Alta Fedeltà“Afghan West”, l’Afghanistan raccontanto da chi lo vive ogni giorno. Senza pregiudizi

L’esercito statunitense ha sganciato nella provincia di Nangarhar, in Afghanistan, un ordigno GBU-43, la bomba non nucleare più potente del suo arsenale. L’obiettivo del bombardamento era un sistem...

L’esercito statunitense ha sganciato nella provincia di Nangarhar, in Afghanistan, un ordigno GBU-43, la bomba non nucleare più potente del suo arsenale. L’obiettivo del bombardamento era un sistema di tunnel usati dal gruppo Stato islamico (Is). La GBU-43, conosciuta anche come “madre di tutte le bombe”, era stata testata nel 2003 ma finora non era mai stata usata in combattimento dagli Stati Uniti.

Il ministero della Difesa afgano ha detto che 36 miliziani dello Stato Islamico sono morti, che la loro base è stata distrutta e che non ci sono morti tra i civili. Abdullah Abdullah, capo esecutivo dell’Afghanistan – una carica governativa creata appositamente nel 2014, quando sia Abdullah che l’attuale presidente Ashraf Ghani sostennero di aver vinto le elezioni – ha confermato che l’attacco è stato compiuto dagli Stati Uniti in accordo con il governo afghano, e che è stato fatto “con grande attenzione per evitare morti tra i civili“.

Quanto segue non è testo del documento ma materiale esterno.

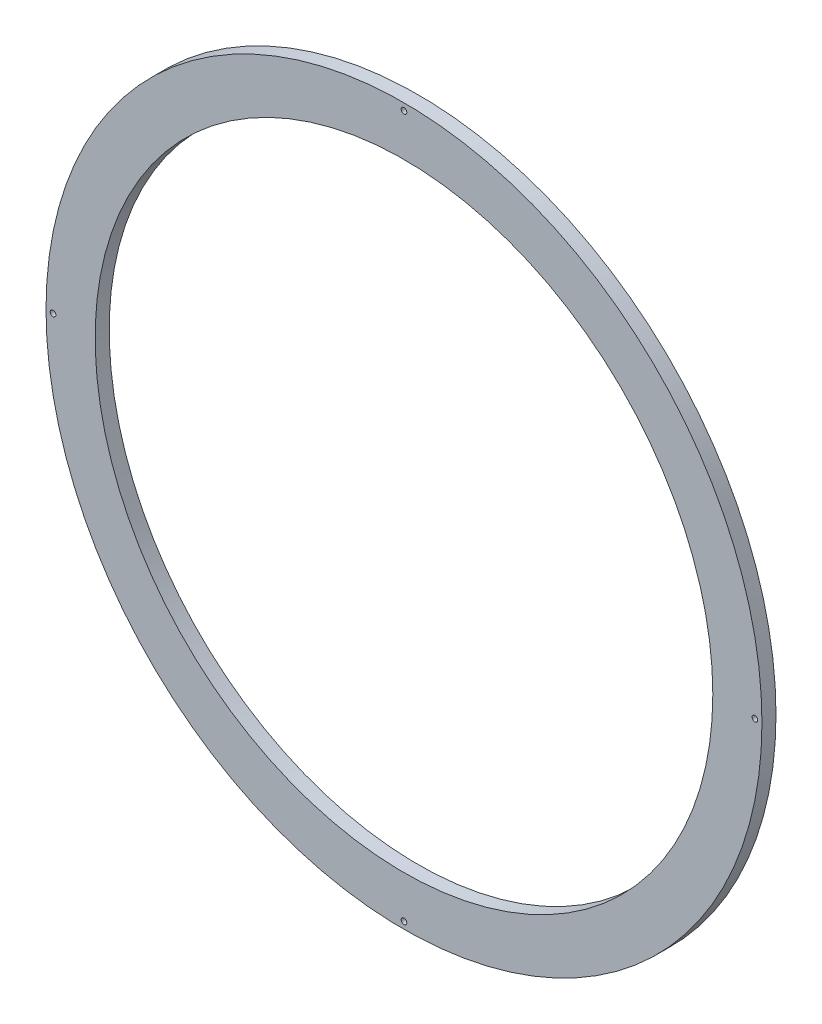
SolidWorks part; units mm, degrees
ref_plane "Front Plane" through (0, 0, 0) normal (0, 0, 1) x (1, 0, 0)
ref_plane "Top Plane" through (0, 0, 0) normal (0, 1, 0) x (1, 0, 0)
ref_plane "Right Plane" through (0, 0, 0) normal (1, 0, 0) x (0, 0, -1)
sketch "Sketch1" plane through (0, 0, 0) normal (0, 0, 1) x (1, 0, 0)
  circle A1 centre (0, 0) radius 110
  circle A2 centre (0, 0) radius 127.5
  dimension "D2" = 220
  dimension "D3" = 255
extrude "Boss-Extrude1" add sketch "Sketch1" along normal blind 5
sketch "Sketch4" plane through (0, 0, 5) normal (0, 0, 1) x (1, 0, 0)
  circle A2 centre (0, 125) radius 1
  dimension "D2" = 2
extrude "Cut-Extrude2" cut sketch "Sketch4" against normal blind 5
pattern_circular "CirPattern2" count 4 over 360 about axis through (0, 0, 0) along (0, 0, 1) of "Cut-Extrude2"

Per capire, però, il processo di transizione che ha portato alla realtà attuale in Afghanistan, non possiamo non fare un passo indietro. “Afghan West, voci dai villaggi“, Bonfirraro editore, è un racconto dall’interno, privo di alcuna edulcorazione o sensazionalismo, per comprendere la storia che sta caratterizzando, nel bene e nel male, la nostra attualità geopolitica e sociale.

In occasione di un media tour di una decina di giorni, svoltosi tra Herat, Shindand e Bala Boluk, le giornaliste e fotoreporter Katiuscia Laneri, Elisabetta Loi e Samantha Viva hanno messo nero su bianco le parole ed i volti di chi vive la realtà dell’Afghanistan tutti i giorni. Un mondo che, come ci racconta la stessa Samantha Viva, “è un’idea e un preconcetto”, molto diverso dall’immaginario comune, ma che “è tanti luoghi insieme”, dove “convivono la voglia di riscatto e la paura di cambiare”.

A partire dalle interviste raccolte tra i militari della missione ISAF, tra gli abitanti dei villaggi, tra i governatori e i generali afgani, le giornaliste ci raccontano l’Afghanistan di oggi, analizzando anche i risvolti che l’apporto ed il contributo dei militari italiani, soprattutto nella parte ovest, hanno avuto ed avranno sul nuovo volto dell’Afghanistan di domani. Un paese che si trova ad affrontare diversi nemici, come l’oppio, la criminalità, la conformazione del territorio e l’arretramento sociale, basti pensare alla considerazione della donna come oggetto, “senza identità, senza fisicità”.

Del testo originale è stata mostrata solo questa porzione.